Legacy is Oregon’s premier burn center located in Portland. My mind circles back around to my Mom, and the weight returns to my chest.

“I don’t know if Legacy would be covered by her insurance.” I brace my elbow on the chair and rest my head in my hand. “I don’t know if any of this will be covered by her insurance.”

Cole’s phone rings before he can respond, and I focus on putting pen to paper to finish the intake information and return it to the woman at the desk. With nothing left to do but wait, I call Mom’s health insurance company and pray for decent coverage. While I’m on hold—numerous different times—I scroll through the internet and find a recent study on burns and insurance.
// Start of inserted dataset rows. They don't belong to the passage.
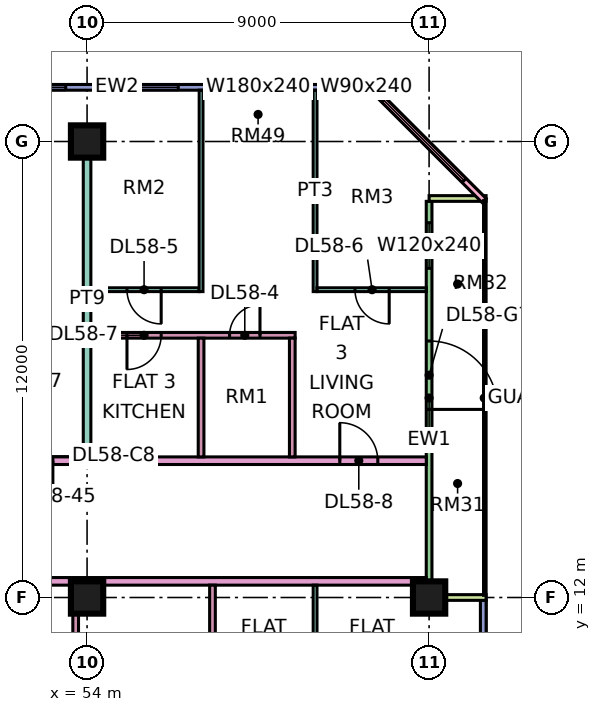
"""IFC4 building model, lengths in metres.
Left out: names, types, materials, properties, quantities, classifications, styles, units other than length and angle.
Written with IfcOpenShell. Run it as: python <this file> out.ifc"""

import sys

from ifc_helpers import new_model, si_unit, direction, frame, frame_2d, origin, origin_2d, place, context, subcontext, project, spatial, rectangle, extrude, element, fill, save


model = new_model("IFC4")
c1 = context("Model", 3, precision=1e-05, world=origin(), true_north=direction((0.0, 1.0)))
c2 = subcontext(c1, "Body", "Model", "MODEL_VIEW")
j1 = project(units=[si_unit("LENGTHUNIT", "METRE"), si_unit("PLANEANGLEUNIT", "RADIAN")], contexts=[c1])
p1 = place(None, origin())
s1 = spatial("IfcSite", under=j1, at=p1, CompositionType="ELEMENT")
p2 = place(p1, origin())
s2 = spatial("IfcBuilding", under=s1, at=p2, CompositionType="ELEMENT")
p3 = place(p2, frame((0.0, 0.0, 245.4)))
s3 = spatial("IfcBuildingStorey", under=s2, at=p3, CompositionType="ELEMENT", Elevation=245.4)
for number, where, z_axis, x_axis in (
    (1, (54.0, 12.0, 0.0), (0.0, 0.0, 1.0), (1.0, 0.0, 0.0)),
    (2, (54.0, 24.0, 0.0), (0.0, 0.0, 1.0), (1.0, 0.0, 0.0)),
    (3, (63.0, 12.0, 0.0), (0.0, 0.0, 1.0), (1.0, 0.0, 0.0)),
):
    element("IfcColumn", number, at=place(p3, frame(where, z_axis=z_axis, x_axis=x_axis)), inside=s3, PredefinedType="COLUMN", context=c2, shape_type="SweptSolid", body=[
        extrude(rectangle(XDim=0.85, YDim=0.85, at=origin_2d()), origin(), (0.0, 0.0, 1.0), 3.75),
    ])
p4 = place(p3, frame((61.5, 25.425, 0.0), z_axis=(0.0, 0.0, 1.0), x_axis=(-1.0, 0.0, 0.0)))
e4 = element("IfcWall", 4, at=p4, inside=s3, PredefinedType="SOLIDWALL", context=c2, shape_type="SweptSolid", body=[
    extrude(rectangle(XDim=13.425, YDim=0.15, at=frame_2d((6.712, 0.0))), origin(), (0.0, 0.0, 1.0), 3.35),
])
p5 = place(p4, frame((0.3, 0.0, 0.45)))
e5 = element("IfcOpeningElement", 5, at=p5, cuts=e4, PredefinedType="OPENING", context=c2, shape_type="SweptSolid", body=[
    extrude(rectangle(XDim=0.9, YDim=2.4, at=frame_2d((0.45, 1.2))), frame((0.0, 0.085, 0.0), z_axis=(0.0, -1.0, 0.0), x_axis=(1.0, 0.0, 0.0)), (0.0, 0.0, 1.0), 0.17),
])
p6 = place(p4, frame((2.1, 0.0, 0.45)))
e6 = element("IfcOpeningElement", 6, at=p6, cuts=e4, PredefinedType="OPENING", context=c2, shape_type="SweptSolid", body=[
    extrude(rectangle(XDim=1.8, YDim=2.4, at=frame_2d((0.9, 1.2))), frame((0.0, 0.085, 0.0), z_axis=(0.0, -1.0, 0.0), x_axis=(1.0, 0.0, 0.0)), (0.0, 0.0, 1.0), 0.17),
])
p7 = place(p4, frame((5.1, 0.0, 0.45)))
e7 = element("IfcOpeningElement", 7, at=p7, cuts=e4, PredefinedType="OPENING", context=c2, shape_type="SweptSolid", body=[
    extrude(rectangle(XDim=1.8, YDim=2.4, at=frame_2d((0.9, 1.2))), frame((0.0, 0.085, 0.0), z_axis=(0.0, -1.0, 0.0), x_axis=(1.0, 0.0, 0.0)), (0.0, 0.0, 1.0), 0.17),
])
p8 = place(p4, frame((8.062, 0.0, 0.45)))
e8 = element("IfcOpeningElement", 8, at=p8, cuts=e4, PredefinedType="OPENING", context=c2, shape_type="SweptSolid", body=[
    extrude(rectangle(XDim=4.8, YDim=2.4, at=frame_2d((2.4, 1.2))), frame((0.0, 0.085, 0.0), z_axis=(0.0, -1.0, 0.0), x_axis=(1.0, 0.0, 0.0)), (0.0, 0.0, 1.0), 0.17),
])
p9 = place(p3, frame((64.425, 1.5, 0.0), z_axis=(0.0, 0.0, 1.0), x_axis=(0.0, 1.0, 0.0)))
e9 = element("IfcWall", 9, at=p9, inside=s3, PredefinedType="SOLIDWALL", context=c2, shape_type="SweptSolid", body=[
    extrude(rectangle(XDim=10.425, YDim=0.15, at=frame_2d((5.212, 0.0))), origin(), (0.0, 0.0, 1.0), 3.35),
])
p10 = place(p9, frame((0.663, 0.0, 0.45)))
e10 = element("IfcOpeningElement", 10, at=p10, cuts=e9, PredefinedType="OPENING", context=c2, shape_type="SweptSolid", body=[
    extrude(rectangle(XDim=4.8, YDim=2.4, at=frame_2d((2.4, 1.2))), frame((0.0, 0.085, 0.0), z_axis=(0.0, -1.0, 0.0), x_axis=(1.0, 0.0, 0.0)), (0.0, 0.0, 1.0), 0.17),
])
p11 = place(p3, frame((63.0, 12.075, 0.0), z_axis=(0.0, 0.0, 1.0), x_axis=(0.0, 1.0, 0.0)))
e11 = element("IfcWall", 11, at=p11, inside=s3, PredefinedType="SOLIDWALL", context=c2, shape_type="SweptSolid", body=[
    extrude(rectangle(XDim=10.35, YDim=0.15, at=frame_2d((5.175, 0.0))), origin(), (0.0, 0.0, 1.0), 3.35),
])
p12 = place(p11, frame((4.875, 0.0, 0.0)))
e12 = element("IfcOpeningElement", 12, at=p12, cuts=e11, PredefinedType="OPENING", context=c2, shape_type="SweptSolid", body=[
    extrude(rectangle(XDim=1.8, YDim=2.4, at=frame_2d((0.9, 1.2))), frame((0.0, 0.085, 0.0), z_axis=(0.0, -1.0, 0.0), x_axis=(1.0, 0.0, 0.0)), (0.0, 0.0, 1.0), 0.17),
])
p13 = place(p11, frame((8.587, 0.0, 0.45)))
e13 = element("IfcOpeningElement", 13, at=p13, cuts=e11, PredefinedType="OPENING", context=c2, shape_type="SweptSolid", body=[
    extrude(rectangle(XDim=1.2, YDim=2.4, at=frame_2d((0.6, 1.2))), frame((0.0, 0.085, 0.0), z_axis=(0.0, -1.0, 0.0), x_axis=(1.0, 0.0, 0.0)), (0.0, 0.0, 1.0), 0.17),
])
for number, where, z_axis, x_axis in (
    (14, (64.5, 12.0, 0.0), (0.0, 0.0, 1.0), (-1.0, 0.0, 0.0)),
    (15, (64.5, 22.5, 0.0), (0.0, 0.0, 1.0), (-1.0, 0.0, 0.0)),
):
    element("IfcWall", number, at=place(p3, frame(where, z_axis=z_axis, x_axis=x_axis)), inside=s3, PredefinedType="SOLIDWALL", context=c2, shape_type="SweptSolid", body=[
        extrude(rectangle(XDim=1.5, YDim=0.15, at=frame_2d((0.75, 0.0))), origin(), (0.0, 0.0, 1.0), 3.35),
    ])
p14 = place(p3, frame((64.447, 22.447, 0.0), z_axis=(0.0, 0.0, 1.0), x_axis=(-0.707106781187, 0.707106781187, 0.0)))
e16 = element("IfcWall", 16, at=p14, inside=s3, PredefinedType="SOLIDWALL", context=c2, shape_type="SweptSolid", body=[
    extrude(rectangle(XDim=4.243, YDim=0.15, at=frame_2d((2.121, 0.0))), origin(), (0.0, 0.0, 1.0), 3.35),
])
p15 = place(p14, frame((0.744, 0.0, 0.45)))
e17 = element("IfcOpeningElement", 17, at=p15, cuts=e16, PredefinedType="OPENING", context=c2, shape_type="SweptSolid", body=[
    extrude(rectangle(XDim=3.0, YDim=2.4, at=frame_2d((1.5, 1.2))), frame((0.0, 0.085, 0.0), z_axis=(0.0, -1.0, 0.0), x_axis=(1.0, 0.0, 0.0)), (0.0, 0.0, 1.0), 0.17),
])
p16 = place(p3, frame((40.65, 12.425, 0.0), z_axis=(0.0, 0.0, 1.0), x_axis=(1.0, 0.0, 0.0)))
e18 = element("IfcWall", 18, at=p16, inside=s3, PredefinedType="PARTITIONING", context=c2, shape_type="SweptSolid", body=[
    extrude(rectangle(XDim=22.276, YDim=0.2, at=frame_2d((11.138, 0.0))), origin(), (0.0, 0.0, 1.0), 3.35),
])
p17 = place(p16, frame((8.7, 0.0, 0.0)))
e19 = element("IfcOpeningElement", 19, at=p17, cuts=e18, PredefinedType="OPENING", context=c2, shape_type="SweptSolid", body=[
    extrude(rectangle(XDim=1.0, YDim=2.1, at=frame_2d((0.5, 1.05))), frame((0.0, 0.11, 0.0), z_axis=(0.0, -1.0, 0.0), x_axis=(1.0, 0.0, 0.0)), (0.0, 0.0, 1.0), 0.22),
])
p18 = place(p16, frame((1.05, 0.0, 0.0)))
e20 = element("IfcOpeningElement", 20, at=p18, cuts=e18, PredefinedType="OPENING", context=c2, shape_type="SweptSolid", body=[
    extrude(rectangle(XDim=1.0, YDim=2.1, at=frame_2d((0.5, 1.05))), frame((0.0, 0.11, 0.0), z_axis=(0.0, -1.0, 0.0), x_axis=(1.0, 0.0, 0.0)), (0.0, 0.0, 1.0), 0.22),
])
p19 = place(p3, frame((51.225, 15.6, 0.0), z_axis=(0.0, 0.0, 1.0), x_axis=(1.0, 0.0, 0.0)))
e21 = element("IfcWall", 21, at=p19, inside=s3, PredefinedType="PARTITIONING", context=c2, shape_type="SweptSolid", body=[
    extrude(rectangle(XDim=11.701, YDim=0.2, at=frame_2d((5.851, 0.0))), origin(), (0.0, 0.0, 1.0), 3.35),
])
p20 = place(p19, frame((9.425, 0.0, 0.0)))
e22 = element("IfcOpeningElement", 22, at=p20, cuts=e21, PredefinedType="OPENING", context=c2, shape_type="SweptSolid", body=[
    extrude(rectangle(XDim=1.0, YDim=2.1, at=frame_2d((0.5, 1.05))), frame((0.0, 0.11, 0.0), z_axis=(0.0, -1.0, 0.0), x_axis=(1.0, 0.0, 0.0)), (0.0, 0.0, 1.0), 0.22),
])
p21 = place(p19, frame((0.875, 0.0, 0.0)))
e23 = element("IfcOpeningElement", 23, at=p21, cuts=e21, PredefinedType="OPENING", context=c2, shape_type="SweptSolid", body=[
    extrude(rectangle(XDim=1.0, YDim=2.1, at=frame_2d((0.5, 1.05))), frame((0.0, 0.11, 0.0), z_axis=(0.0, -1.0, 0.0), x_axis=(1.0, 0.0, 0.0)), (0.0, 0.0, 1.0), 0.22),
])
p22 = place(p3, frame((53.7, 7.7, 0.0), z_axis=(0.0, 0.0, 1.0), x_axis=(0.0, 1.0, 0.0)))
e24 = element("IfcWall", 24, at=p22, inside=s3, PredefinedType="PARTITIONING", context=c2, shape_type="SweptSolid", body=[
    extrude(rectangle(XDim=4.625, YDim=0.15, at=frame_2d((2.312, 0.0))), origin(), (0.0, 0.0, 1.0), 3.35),
])
p23 = place(p3, frame((54.0, 15.7, 0.0), z_axis=(0.0, 0.0, 1.0), x_axis=(0.0, 1.0, 0.0)))
e25 = element("IfcWall", 25, at=p23, inside=s3, PredefinedType="PARTITIONING", context=c2, shape_type="SweptSolid", body=[
    extrude(rectangle(XDim=8.3, YDim=0.2, at=frame_2d((4.15, 0.0))), origin(), (0.0, 0.0, 1.0), 3.35),
])
p24 = place(p3, frame((54.1, 18.9, 0.0), z_axis=(0.0, 0.0, 1.0), x_axis=(1.0, 0.0, 0.0)))
e26 = element("IfcWall", 26, at=p24, inside=s3, PredefinedType="PARTITIONING", context=c2, shape_type="SweptSolid", body=[
    extrude(rectangle(XDim=5.375, YDim=0.15, at=frame_2d((2.688, 0.0))), origin(), (0.0, 0.0, 1.0), 3.35),
])
p25 = place(p24, frame((3.65, 0.0, 0.0)))
e27 = element("IfcOpeningElement", 27, at=p25, cuts=e26, PredefinedType="OPENING", context=c2, shape_type="SweptSolid", body=[
    extrude(rectangle(XDim=0.8, YDim=2.1, at=frame_2d((0.4, 1.05))), frame((0.0, 0.085, 0.0), z_axis=(0.0, -1.0, 0.0), x_axis=(1.0, 0.0, 0.0)), (0.0, 0.0, 1.0), 0.17),
])
p26 = place(p24, frame((0.95, 0.0, 0.0)))
e28 = element("IfcOpeningElement", 28, at=p26, cuts=e26, PredefinedType="OPENING", context=c2, shape_type="SweptSolid", body=[
    extrude(rectangle(XDim=0.9, YDim=2.1, at=frame_2d((0.45, 1.05))), frame((0.0, 0.085, 0.0), z_axis=(0.0, -1.0, 0.0), x_axis=(1.0, 0.0, 0.0)), (0.0, 0.0, 1.0), 0.17),
])
p27 = place(p3, frame((54.1, 20.1, 0.0), z_axis=(0.0, 0.0, 1.0), x_axis=(1.0, 0.0, 0.0)))
e29 = element("IfcWall", 29, at=p27, inside=s3, PredefinedType="PARTITIONING", context=c2, shape_type="SweptSolid", body=[
    extrude(rectangle(XDim=2.85, YDim=0.1, at=frame_2d((1.425, 0.0))), origin(), (0.0, 0.0, 1.0), 3.35),
])
p28 = place(p27, frame((0.95, 0.0, 0.0)))
e30 = element("IfcOpeningElement", 30, at=p28, cuts=e29, PredefinedType="OPENING", context=c2, shape_type="SweptSolid", body=[
    extrude(rectangle(XDim=0.9, YDim=2.1, at=frame_2d((0.45, 1.05))), frame((0.0, 0.06, 0.0), z_axis=(0.0, -1.0, 0.0), x_axis=(1.0, 0.0, 0.0)), (0.0, 0.0, 1.0), 0.12),
])
p29 = place(p3, frame((57.0, 15.7, 0.0), z_axis=(0.0, 0.0, 1.0), x_axis=(0.0, 1.0, 0.0)))
e31 = element("IfcWall", 31, at=p29, inside=s3, PredefinedType="PARTITIONING", context=c2, shape_type="SweptSolid", body=[
    extrude(rectangle(XDim=3.125, YDim=0.15, at=frame_2d((1.562, 0.0))), origin(), (0.0, 0.0, 1.0), 3.35),
])
p30 = place(p3, frame((57.0, 20.05, 0.0), z_axis=(0.0, 0.0, 1.0), x_axis=(0.0, 1.0, 0.0)))
e32 = element("IfcWall", 32, at=p30, inside=s3, PredefinedType="PARTITIONING", context=c2, shape_type="SweptSolid", body=[
    extrude(rectangle(XDim=5.3, YDim=0.1, at=frame_2d((2.65, 0.0))), origin(), (0.0, 0.0, 1.0), 3.35),
])
p31 = place(p3, frame((57.3, 7.7, 0.0), z_axis=(0.0, 0.0, 1.0), x_axis=(0.0, 1.0, 0.0)))
e33 = element("IfcWall", 33, at=p31, inside=s3, PredefinedType="PARTITIONING", context=c2, shape_type="SweptSolid", body=[
    extrude(rectangle(XDim=4.625, YDim=0.15, at=frame_2d((2.312, 0.0))), origin(), (0.0, 0.0, 1.0), 3.35),
])
p32 = place(p3, frame((59.4, 15.7, 0.0), z_axis=(0.0, 0.0, 1.0), x_axis=(0.0, 1.0, 0.0)))
e34 = element("IfcWall", 34, at=p32, inside=s3, PredefinedType="PARTITIONING", context=c2, shape_type="SweptSolid", body=[
    extrude(rectangle(XDim=3.125, YDim=0.15, at=frame_2d((1.562, 0.0))), origin(), (0.0, 0.0, 1.0), 3.35),
])
p33 = place(p3, frame((60.0, 7.7, 0.0), z_axis=(0.0, 0.0, 1.0), x_axis=(0.0, 1.0, 0.0)))
e35 = element("IfcWall", 35, at=p33, inside=s3, PredefinedType="PARTITIONING", context=c2, shape_type="SweptSolid", body=[
    extrude(rectangle(XDim=4.625, YDim=0.1, at=frame_2d((2.312, 0.0))), origin(), (0.0, 0.0, 1.0), 3.35),
])
p34 = place(p3, frame((60.0, 20.05, 0.0), z_axis=(0.0, 0.0, 1.0), x_axis=(0.0, 1.0, 0.0)))
e36 = element("IfcWall", 36, at=p34, inside=s3, PredefinedType="PARTITIONING", context=c2, shape_type="SweptSolid", body=[
    extrude(rectangle(XDim=5.3, YDim=0.1, at=frame_2d((2.65, 0.0))), origin(), (0.0, 0.0, 1.0), 3.35),
])
p35 = place(p3, frame((60.05, 20.1, 0.0), z_axis=(0.0, 0.0, 1.0), x_axis=(1.0, 0.0, 0.0)))
e37 = element("IfcWall", 37, at=p35, inside=s3, PredefinedType="PARTITIONING", context=c2, shape_type="SweptSolid", body=[
    extrude(rectangle(XDim=2.876, YDim=0.1, at=frame_2d((1.438, 0.0))), origin(), (0.0, 0.0, 1.0), 3.35),
])
p36 = place(p35, frame((1.0, 0.0, 0.0)))
e38 = element("IfcOpeningElement", 38, at=p36, cuts=e37, PredefinedType="OPENING", context=c2, shape_type="SweptSolid", body=[
    extrude(rectangle(XDim=0.9, YDim=2.1, at=frame_2d((0.45, 1.05))), frame((0.0, 0.06, 0.0), z_axis=(0.0, -1.0, 0.0), x_axis=(1.0, 0.0, 0.0)), (0.0, 0.0, 1.0), 0.12),
])
p37 = place(p5, origin())
e39 = element("IfcWindow", 39, at=p37, inside=s3, PartitioningType="SINGLE_PANEL", PredefinedType="WINDOW", context=c2, shape_type="SweptSolid", body=[
    extrude(rectangle(XDim=0.9, YDim=2.4, at=frame_2d((0.45, 1.2))), frame((0.0, 0.03, 0.0), z_axis=(0.0, -1.0, 0.0), x_axis=(1.0, 0.0, 0.0)), (0.0, 0.0, 1.0), 0.06),
])
fill(e5, e39)
p38 = place(p6, origin())
e40 = element("IfcWindow", 40, at=p38, inside=s3, PartitioningType="SINGLE_PANEL", PredefinedType="WINDOW", context=c2, shape_type="SweptSolid", body=[
    extrude(rectangle(XDim=1.8, YDim=2.4, at=frame_2d((0.9, 1.2))), frame((0.0, 0.03, 0.0), z_axis=(0.0, -1.0, 0.0), x_axis=(1.0, 0.0, 0.0)), (0.0, 0.0, 1.0), 0.06),
])
fill(e6, e40)
p39 = place(p7, origin())
e41 = element("IfcWindow", 41, at=p39, inside=s3, PartitioningType="SINGLE_PANEL", PredefinedType="WINDOW", context=c2, shape_type="SweptSolid", body=[
    extrude(rectangle(XDim=1.8, YDim=2.4, at=frame_2d((0.9, 1.2))), frame((0.0, 0.03, 0.0), z_axis=(0.0, -1.0, 0.0), x_axis=(1.0, 0.0, 0.0)), (0.0, 0.0, 1.0), 0.06),
])
fill(e7, e41)
p40 = place(p8, origin())
e42 = element("IfcWindow", 42, at=p40, inside=s3, PartitioningType="SINGLE_PANEL", PredefinedType="WINDOW", context=c2, shape_type="SweptSolid", body=[
    extrude(rectangle(XDim=4.8, YDim=2.4, at=frame_2d((2.4, 1.2))), frame((0.0, 0.03, 0.0), z_axis=(0.0, -1.0, 0.0), x_axis=(1.0, 0.0, 0.0)), (0.0, 0.0, 1.0), 0.06),
])
fill(e8, e42)
p41 = place(p12, frame((1.8, 0.0, 0.0), z_axis=(0.0, 0.0, 1.0), x_axis=(-1.0, 0.0, 0.0)))
e43 = element("IfcDoor", 43, at=p41, inside=s3, OperationType="DOUBLE_DOOR_SINGLE_SWING", PredefinedType="DOOR", context=c2, shape_type="SweptSolid", body=[
    extrude(rectangle(XDim=1.8, YDim=2.4, at=frame_2d((0.9, 1.2))), frame((0.0, 0.025, 0.0), z_axis=(0.0, -1.0, 0.0), x_axis=(1.0, 0.0, 0.0)), (0.0, 0.0, 1.0), 0.05),
])
fill(e12, e43)
p42 = place(p13, origin())
e44 = element("IfcWindow", 44, at=p42, inside=s3, PartitioningType="SINGLE_PANEL", PredefinedType="WINDOW", context=c2, shape_type="SweptSolid", body=[
    extrude(rectangle(XDim=1.2, YDim=2.4, at=frame_2d((0.6, 1.2))), frame((0.0, 0.03, 0.0), z_axis=(0.0, -1.0, 0.0), x_axis=(1.0, 0.0, 0.0)), (0.0, 0.0, 1.0), 0.06),
])
fill(e13, e44)
p43 = place(p15, origin())
e45 = element("IfcWindow", 45, at=p43, inside=s3, PartitioningType="SINGLE_PANEL", PredefinedType="WINDOW", context=c2, shape_type="SweptSolid", body=[
    extrude(rectangle(XDim=3.0, YDim=2.4, at=frame_2d((1.5, 1.2))), frame((0.0, 0.03, 0.0), z_axis=(0.0, -1.0, 0.0), x_axis=(1.0, 0.0, 0.0)), (0.0, 0.0, 1.0), 0.06),
])
fill(e17, e45)
p44 = place(p25, frame((0.8, 0.0, 0.0), z_axis=(0.0, 0.0, 1.0), x_axis=(-1.0, 0.0, 0.0)))
e46 = element("IfcDoor", 46, at=p44, inside=s3, OperationType="SINGLE_SWING_RIGHT", PredefinedType="DOOR", context=c2, shape_type="SweptSolid", body=[
    extrude(rectangle(XDim=0.8, YDim=2.1, at=frame_2d((0.4, 1.05))), frame((0.0, 0.025, 0.0), z_axis=(0.0, -1.0, 0.0), x_axis=(1.0, 0.0, 0.0)), (0.0, 0.0, 1.0), 0.05),
])
fill(e27, e46)
p45 = place(p28, origin())
e47 = element("IfcDoor", 47, at=p45, inside=s3, OperationType="SINGLE_SWING_RIGHT", PredefinedType="DOOR", context=c2, shape_type="SweptSolid", body=[
    extrude(rectangle(XDim=0.9, YDim=2.1, at=frame_2d((0.45, 1.05))), frame((0.0, 0.025, 0.0), z_axis=(0.0, -1.0, 0.0), x_axis=(1.0, 0.0, 0.0)), (0.0, 0.0, 1.0), 0.05),
])
fill(e30, e47)
p46 = place(p36, origin())
e48 = element("IfcDoor", 48, at=p46, inside=s3, OperationType="SINGLE_SWING_RIGHT", PredefinedType="DOOR", context=c2, shape_type="SweptSolid", body=[
    extrude(rectangle(XDim=0.9, YDim=2.1, at=frame_2d((0.45, 1.05))), frame((0.0, 0.025, 0.0), z_axis=(0.0, -1.0, 0.0), x_axis=(1.0, 0.0, 0.0)), (0.0, 0.0, 1.0), 0.05),
])
fill(e38, e48)
p47 = place(p26, frame((0.9, 0.0, 0.0), z_axis=(0.0, 0.0, 1.0), x_axis=(-1.0, 0.0, 0.0)))
e49 = element("IfcDoor", 49, at=p47, inside=s3, OperationType="SINGLE_SWING_LEFT", PredefinedType="DOOR", context=c2, shape_type="SweptSolid", body=[
    extrude(rectangle(XDim=0.9, YDim=2.1, at=frame_2d((0.45, 1.05))), frame((0.0, 0.025, 0.0), z_axis=(0.0, -1.0, 0.0), x_axis=(1.0, 0.0, 0.0)), (0.0, 0.0, 1.0), 0.05),
])
fill(e28, e49)
p48 = place(p20, origin())
e50 = element("IfcDoor", 50, at=p48, inside=s3, OperationType="SINGLE_SWING_LEFT", PredefinedType="DOOR", context=c2, shape_type="SweptSolid", body=[
    extrude(rectangle(XDim=1.0, YDim=2.1, at=frame_2d((0.5, 1.05))), frame((0.0, 0.025, 0.0), z_axis=(0.0, -1.0, 0.0), x_axis=(1.0, 0.0, 0.0)), (0.0, 0.0, 1.0), 0.05),
])
fill(e22, e50)
p49 = place(p21, origin())
e51 = element("IfcDoor", 51, at=p49, inside=s3, OperationType="SINGLE_SWING_RIGHT", PredefinedType="DOOR", context=c2, shape_type="SweptSolid", body=[
    extrude(rectangle(XDim=1.0, YDim=2.1, at=frame_2d((0.5, 1.05))), frame((0.0, 0.025, 0.0), z_axis=(0.0, -1.0, 0.0), x_axis=(1.0, 0.0, 0.0)), (0.0, 0.0, 1.0), 0.05),
])
fill(e23, e51)
save(model, sys.argv[1])

By the time I’m disconnected twice and transferred to a dozen different people, I discover care for burns like Mom’s—I’m assuming at least second degree—cost upwards of one hundred fifty thousand dollars in just the first year. Extended care racks up another fifty grand. If we’re talking about third degree, I’d have to add another hundred thousand to the total. I also learn about all the painful treatments she’ll have to endure, like debridement and skin grafts.